A Return Trip To The Dark Side; Veteran Journalist Who Saw Hope Goes Gloomy Gus Again 

Not to end the week on a Gloomy Gus note, but adherents to the "dark side" concerning the state's future continue to grow. That's hard to ignore when many of them are "lifers" like veteran journalist Wally Gordon who has penned a noteworthy missive on the state of the state. After 40 years of reporting on NM, he tells us:

Joe, I really saw glimmers of hope a year or so ago but now I'm afraid I’ve joined you on the dark side.

Maybe the good news is if it's darkest before the dawn our fair state may be in for a break or two. Meanwhile, Gordon writes:

• Major programs like food stamps and Medicaid are being so badly administered the federal government is probably going to have to run them for us.

• State and local police forces seem to be wearing handcuffs themselves in the face of rising crime rates and escalating complaints of use of excessive force.  APD can’t recruit the cops for which it is budgeted.

• A new study by WalletHub ranks New Mexico public education as worse than any other state’s except Louisiana. The quality of public education has continued to worsen for six years despite the stated intention of Gov. Martinez to make its improvement her highest priority.

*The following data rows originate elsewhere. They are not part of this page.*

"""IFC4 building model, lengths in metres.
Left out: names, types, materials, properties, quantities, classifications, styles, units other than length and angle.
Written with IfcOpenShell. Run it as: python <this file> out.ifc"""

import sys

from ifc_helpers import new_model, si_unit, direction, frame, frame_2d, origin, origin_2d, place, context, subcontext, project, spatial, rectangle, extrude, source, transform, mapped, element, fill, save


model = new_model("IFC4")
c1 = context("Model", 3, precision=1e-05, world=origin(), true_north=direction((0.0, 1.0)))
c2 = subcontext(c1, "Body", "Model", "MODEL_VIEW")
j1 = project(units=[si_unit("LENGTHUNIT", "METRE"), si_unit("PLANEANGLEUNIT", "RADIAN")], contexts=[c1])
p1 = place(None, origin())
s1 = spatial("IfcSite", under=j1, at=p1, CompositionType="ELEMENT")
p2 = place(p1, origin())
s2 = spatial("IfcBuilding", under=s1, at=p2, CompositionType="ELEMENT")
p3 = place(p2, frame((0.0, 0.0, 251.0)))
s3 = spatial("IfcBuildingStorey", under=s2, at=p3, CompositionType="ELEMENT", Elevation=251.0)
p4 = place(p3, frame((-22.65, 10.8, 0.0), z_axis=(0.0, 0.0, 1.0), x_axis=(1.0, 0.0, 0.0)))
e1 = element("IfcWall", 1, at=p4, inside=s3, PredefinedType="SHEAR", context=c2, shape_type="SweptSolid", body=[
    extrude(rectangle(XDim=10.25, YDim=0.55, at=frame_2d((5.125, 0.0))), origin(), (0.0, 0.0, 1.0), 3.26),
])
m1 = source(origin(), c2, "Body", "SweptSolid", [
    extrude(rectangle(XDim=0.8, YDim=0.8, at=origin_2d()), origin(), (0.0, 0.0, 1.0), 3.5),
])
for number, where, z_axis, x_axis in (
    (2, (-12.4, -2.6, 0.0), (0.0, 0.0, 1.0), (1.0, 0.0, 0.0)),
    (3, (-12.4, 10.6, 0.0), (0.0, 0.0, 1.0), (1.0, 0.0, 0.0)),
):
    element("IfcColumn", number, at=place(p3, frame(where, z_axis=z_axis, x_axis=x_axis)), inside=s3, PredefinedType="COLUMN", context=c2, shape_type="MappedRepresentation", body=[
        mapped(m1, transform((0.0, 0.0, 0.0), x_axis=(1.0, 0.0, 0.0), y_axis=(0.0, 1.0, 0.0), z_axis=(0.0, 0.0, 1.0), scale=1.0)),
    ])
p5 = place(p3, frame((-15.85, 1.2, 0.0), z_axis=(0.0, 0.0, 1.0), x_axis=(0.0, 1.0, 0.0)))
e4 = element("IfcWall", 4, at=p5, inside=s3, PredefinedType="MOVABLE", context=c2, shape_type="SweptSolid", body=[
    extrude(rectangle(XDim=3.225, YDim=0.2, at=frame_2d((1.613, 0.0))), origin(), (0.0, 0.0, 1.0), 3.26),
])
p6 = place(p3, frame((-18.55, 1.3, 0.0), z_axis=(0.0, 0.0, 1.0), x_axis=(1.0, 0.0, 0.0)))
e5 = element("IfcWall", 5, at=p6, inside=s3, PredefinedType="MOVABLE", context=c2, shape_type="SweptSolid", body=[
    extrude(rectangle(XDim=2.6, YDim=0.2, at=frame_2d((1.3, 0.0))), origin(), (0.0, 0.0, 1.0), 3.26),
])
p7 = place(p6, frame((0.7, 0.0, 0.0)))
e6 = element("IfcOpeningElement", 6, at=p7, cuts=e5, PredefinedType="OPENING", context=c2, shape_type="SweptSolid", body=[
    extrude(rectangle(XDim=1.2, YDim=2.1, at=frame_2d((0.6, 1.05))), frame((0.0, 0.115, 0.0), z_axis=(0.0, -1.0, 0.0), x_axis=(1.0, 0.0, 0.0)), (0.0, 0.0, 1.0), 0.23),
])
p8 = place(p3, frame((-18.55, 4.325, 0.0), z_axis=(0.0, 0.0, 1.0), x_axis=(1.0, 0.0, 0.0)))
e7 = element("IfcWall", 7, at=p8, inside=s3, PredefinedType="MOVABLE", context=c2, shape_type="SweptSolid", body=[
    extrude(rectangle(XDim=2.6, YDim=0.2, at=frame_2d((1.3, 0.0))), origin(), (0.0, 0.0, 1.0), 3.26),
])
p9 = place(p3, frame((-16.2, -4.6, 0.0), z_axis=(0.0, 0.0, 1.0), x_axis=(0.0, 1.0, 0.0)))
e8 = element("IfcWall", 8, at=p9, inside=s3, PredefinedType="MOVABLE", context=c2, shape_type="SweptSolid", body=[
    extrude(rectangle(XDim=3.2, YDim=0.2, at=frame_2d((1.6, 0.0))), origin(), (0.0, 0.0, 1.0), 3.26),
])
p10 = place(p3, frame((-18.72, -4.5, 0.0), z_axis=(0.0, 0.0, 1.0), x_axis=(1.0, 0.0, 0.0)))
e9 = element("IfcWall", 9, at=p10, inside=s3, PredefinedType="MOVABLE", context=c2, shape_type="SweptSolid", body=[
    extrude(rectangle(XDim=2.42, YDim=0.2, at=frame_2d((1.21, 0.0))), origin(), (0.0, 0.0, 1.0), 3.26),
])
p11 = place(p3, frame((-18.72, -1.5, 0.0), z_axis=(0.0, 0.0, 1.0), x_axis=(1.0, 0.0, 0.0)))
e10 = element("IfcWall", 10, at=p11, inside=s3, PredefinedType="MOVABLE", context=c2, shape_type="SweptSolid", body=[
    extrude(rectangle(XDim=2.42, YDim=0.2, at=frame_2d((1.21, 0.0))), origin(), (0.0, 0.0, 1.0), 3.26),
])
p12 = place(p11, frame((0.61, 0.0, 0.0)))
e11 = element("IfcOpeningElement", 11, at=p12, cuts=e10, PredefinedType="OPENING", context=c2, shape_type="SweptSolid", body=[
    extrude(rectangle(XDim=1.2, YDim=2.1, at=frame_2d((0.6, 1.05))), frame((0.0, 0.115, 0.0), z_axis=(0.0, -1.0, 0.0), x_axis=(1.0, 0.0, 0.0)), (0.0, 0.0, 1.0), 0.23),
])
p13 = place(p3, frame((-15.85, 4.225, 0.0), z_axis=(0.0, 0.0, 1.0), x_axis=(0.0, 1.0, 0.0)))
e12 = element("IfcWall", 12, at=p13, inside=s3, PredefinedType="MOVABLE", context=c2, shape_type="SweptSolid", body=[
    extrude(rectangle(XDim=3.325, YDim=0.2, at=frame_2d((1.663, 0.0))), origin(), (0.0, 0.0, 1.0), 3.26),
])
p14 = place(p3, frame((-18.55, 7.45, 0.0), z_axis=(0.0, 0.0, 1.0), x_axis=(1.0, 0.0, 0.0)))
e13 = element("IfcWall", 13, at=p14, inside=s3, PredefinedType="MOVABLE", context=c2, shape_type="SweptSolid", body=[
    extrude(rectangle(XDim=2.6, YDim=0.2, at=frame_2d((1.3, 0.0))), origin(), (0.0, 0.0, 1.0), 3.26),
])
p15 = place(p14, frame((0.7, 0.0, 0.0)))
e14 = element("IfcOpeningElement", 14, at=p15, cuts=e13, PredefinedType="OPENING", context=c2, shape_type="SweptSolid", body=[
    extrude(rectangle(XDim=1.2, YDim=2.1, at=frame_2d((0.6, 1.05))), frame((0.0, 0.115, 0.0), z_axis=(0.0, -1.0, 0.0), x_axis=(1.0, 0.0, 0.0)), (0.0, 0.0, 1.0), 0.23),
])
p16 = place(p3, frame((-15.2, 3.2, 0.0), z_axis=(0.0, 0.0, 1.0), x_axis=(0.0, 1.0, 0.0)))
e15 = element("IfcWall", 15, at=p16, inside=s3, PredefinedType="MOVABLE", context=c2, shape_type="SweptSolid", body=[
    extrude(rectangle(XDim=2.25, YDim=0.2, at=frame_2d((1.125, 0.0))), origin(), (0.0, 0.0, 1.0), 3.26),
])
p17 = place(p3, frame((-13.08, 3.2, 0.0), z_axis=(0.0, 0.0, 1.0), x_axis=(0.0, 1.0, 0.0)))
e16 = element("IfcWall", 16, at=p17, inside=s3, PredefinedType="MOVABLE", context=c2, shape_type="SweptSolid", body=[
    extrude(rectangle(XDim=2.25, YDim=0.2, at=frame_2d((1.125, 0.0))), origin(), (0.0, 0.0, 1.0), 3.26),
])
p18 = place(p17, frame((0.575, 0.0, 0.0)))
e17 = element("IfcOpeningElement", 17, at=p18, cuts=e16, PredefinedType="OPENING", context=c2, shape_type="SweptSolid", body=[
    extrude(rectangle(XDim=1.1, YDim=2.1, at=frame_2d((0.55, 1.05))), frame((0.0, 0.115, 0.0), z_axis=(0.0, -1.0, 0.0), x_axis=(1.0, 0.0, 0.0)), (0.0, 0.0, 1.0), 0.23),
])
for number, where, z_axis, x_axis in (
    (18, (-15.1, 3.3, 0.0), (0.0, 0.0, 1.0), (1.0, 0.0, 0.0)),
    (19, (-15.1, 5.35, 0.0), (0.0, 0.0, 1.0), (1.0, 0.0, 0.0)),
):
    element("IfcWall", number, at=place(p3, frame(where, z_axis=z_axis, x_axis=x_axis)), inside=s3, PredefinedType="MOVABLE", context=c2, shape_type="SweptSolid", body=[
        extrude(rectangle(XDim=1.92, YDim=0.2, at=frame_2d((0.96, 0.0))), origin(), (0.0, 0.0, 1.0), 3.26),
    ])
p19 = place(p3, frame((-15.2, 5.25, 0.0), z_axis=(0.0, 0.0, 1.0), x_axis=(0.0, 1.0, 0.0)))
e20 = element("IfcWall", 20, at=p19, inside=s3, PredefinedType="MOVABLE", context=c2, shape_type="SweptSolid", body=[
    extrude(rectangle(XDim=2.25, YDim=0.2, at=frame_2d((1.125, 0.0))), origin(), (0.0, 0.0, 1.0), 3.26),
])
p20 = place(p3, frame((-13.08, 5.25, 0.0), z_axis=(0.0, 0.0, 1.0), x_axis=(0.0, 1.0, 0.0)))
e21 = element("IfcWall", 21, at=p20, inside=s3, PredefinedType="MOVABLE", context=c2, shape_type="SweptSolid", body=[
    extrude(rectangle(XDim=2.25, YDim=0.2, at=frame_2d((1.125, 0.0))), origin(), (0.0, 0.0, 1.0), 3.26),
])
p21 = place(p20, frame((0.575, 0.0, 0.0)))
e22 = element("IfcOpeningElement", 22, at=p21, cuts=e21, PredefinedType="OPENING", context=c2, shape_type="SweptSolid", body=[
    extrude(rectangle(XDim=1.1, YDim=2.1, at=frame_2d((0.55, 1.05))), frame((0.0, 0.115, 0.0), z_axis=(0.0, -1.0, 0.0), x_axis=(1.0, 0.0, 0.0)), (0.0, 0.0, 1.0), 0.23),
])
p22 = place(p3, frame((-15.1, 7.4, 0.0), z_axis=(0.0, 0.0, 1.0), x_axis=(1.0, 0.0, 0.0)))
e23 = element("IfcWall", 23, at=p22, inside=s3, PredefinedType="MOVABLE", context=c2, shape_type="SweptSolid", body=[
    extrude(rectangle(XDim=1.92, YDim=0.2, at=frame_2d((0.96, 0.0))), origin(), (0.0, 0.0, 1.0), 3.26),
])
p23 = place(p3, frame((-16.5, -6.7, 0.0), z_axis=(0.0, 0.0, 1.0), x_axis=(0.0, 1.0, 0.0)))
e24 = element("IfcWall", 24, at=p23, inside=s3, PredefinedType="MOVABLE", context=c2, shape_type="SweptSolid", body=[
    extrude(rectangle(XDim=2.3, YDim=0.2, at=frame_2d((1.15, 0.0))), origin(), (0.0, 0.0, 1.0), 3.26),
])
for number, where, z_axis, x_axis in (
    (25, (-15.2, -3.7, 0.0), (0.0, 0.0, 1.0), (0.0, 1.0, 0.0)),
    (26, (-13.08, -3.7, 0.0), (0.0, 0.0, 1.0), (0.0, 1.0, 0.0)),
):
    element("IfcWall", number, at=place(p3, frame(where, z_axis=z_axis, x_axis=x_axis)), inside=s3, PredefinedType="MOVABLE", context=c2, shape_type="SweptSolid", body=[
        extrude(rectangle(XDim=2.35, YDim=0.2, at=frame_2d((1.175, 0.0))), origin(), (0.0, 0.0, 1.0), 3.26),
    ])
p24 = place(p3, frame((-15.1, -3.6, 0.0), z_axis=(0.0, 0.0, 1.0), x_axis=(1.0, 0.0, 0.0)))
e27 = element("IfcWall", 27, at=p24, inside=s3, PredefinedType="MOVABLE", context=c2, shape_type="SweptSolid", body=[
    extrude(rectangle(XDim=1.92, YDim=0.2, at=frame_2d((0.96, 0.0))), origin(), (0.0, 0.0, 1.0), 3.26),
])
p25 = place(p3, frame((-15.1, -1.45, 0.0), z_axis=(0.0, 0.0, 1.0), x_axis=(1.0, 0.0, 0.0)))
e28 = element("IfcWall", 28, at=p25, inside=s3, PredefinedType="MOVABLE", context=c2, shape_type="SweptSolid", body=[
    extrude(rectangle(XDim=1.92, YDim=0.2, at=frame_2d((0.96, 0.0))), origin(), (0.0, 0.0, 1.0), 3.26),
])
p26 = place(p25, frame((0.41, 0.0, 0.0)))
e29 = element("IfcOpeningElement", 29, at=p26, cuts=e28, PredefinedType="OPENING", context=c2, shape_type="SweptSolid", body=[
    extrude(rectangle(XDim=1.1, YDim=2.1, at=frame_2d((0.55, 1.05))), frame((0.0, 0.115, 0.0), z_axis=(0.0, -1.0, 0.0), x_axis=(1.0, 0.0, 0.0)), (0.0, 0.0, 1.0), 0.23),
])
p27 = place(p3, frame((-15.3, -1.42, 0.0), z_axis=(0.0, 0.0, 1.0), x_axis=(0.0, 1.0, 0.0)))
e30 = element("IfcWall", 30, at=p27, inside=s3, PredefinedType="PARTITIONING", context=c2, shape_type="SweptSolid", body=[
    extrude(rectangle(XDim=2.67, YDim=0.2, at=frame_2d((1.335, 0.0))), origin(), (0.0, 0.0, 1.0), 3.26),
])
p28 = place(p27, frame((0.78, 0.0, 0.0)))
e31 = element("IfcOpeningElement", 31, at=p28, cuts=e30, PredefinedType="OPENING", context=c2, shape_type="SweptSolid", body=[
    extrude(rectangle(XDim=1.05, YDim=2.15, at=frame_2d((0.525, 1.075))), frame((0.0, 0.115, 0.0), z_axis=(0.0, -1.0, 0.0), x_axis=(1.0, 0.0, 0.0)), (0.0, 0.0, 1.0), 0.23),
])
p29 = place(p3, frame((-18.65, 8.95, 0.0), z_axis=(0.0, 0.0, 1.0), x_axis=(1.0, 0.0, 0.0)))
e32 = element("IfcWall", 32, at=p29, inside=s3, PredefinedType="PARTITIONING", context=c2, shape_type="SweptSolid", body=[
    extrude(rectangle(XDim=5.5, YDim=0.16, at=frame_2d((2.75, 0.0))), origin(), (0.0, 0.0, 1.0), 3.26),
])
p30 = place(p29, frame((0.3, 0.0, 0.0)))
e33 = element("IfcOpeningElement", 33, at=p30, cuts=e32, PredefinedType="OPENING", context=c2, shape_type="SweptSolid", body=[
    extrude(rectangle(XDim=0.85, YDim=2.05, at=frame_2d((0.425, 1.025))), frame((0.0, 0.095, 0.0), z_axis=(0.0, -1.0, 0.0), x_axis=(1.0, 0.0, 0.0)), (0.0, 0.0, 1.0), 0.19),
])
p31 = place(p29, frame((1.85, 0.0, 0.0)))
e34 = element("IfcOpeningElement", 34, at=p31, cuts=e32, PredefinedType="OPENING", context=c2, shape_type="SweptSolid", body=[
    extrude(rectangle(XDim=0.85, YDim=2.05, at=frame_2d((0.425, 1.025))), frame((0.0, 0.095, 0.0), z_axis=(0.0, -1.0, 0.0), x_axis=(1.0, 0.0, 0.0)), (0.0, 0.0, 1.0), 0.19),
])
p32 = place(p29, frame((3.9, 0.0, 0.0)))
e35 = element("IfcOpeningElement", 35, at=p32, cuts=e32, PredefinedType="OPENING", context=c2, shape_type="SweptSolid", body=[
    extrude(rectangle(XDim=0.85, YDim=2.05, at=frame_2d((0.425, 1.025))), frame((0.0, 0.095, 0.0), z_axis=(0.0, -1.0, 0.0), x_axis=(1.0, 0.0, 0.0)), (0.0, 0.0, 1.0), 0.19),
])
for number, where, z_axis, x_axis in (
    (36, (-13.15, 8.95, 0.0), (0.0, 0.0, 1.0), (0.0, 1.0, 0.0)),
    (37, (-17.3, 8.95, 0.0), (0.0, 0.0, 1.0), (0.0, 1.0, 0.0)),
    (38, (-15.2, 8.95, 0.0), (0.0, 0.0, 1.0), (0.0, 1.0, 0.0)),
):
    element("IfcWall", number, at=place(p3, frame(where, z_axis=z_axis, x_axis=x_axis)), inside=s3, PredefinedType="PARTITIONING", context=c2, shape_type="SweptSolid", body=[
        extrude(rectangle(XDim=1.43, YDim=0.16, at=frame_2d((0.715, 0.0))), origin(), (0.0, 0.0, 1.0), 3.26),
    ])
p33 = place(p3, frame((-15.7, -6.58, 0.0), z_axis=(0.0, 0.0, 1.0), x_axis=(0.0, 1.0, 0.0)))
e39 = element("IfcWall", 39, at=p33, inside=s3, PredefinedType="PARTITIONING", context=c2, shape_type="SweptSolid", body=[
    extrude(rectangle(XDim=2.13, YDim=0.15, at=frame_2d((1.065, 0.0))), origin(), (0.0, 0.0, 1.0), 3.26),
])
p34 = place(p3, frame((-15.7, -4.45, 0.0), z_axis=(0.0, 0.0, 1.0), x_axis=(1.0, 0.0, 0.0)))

• In a national study of high school students, New Mexico ranked second highest for cocaine and Ecstasy use, fifth highest for methamphetamine and eighth highest for heroin.

• Another WalletHub study ranked New Mexico worst in the nation for the percentage of children who are “food insecure.”

• Unemployment in the state is one of the highest in the country, two full percentage points above the national average.

• In June, 866,609 New Mexican had jobs. In 2005, the number was 871,248. We are now in our second lost decade.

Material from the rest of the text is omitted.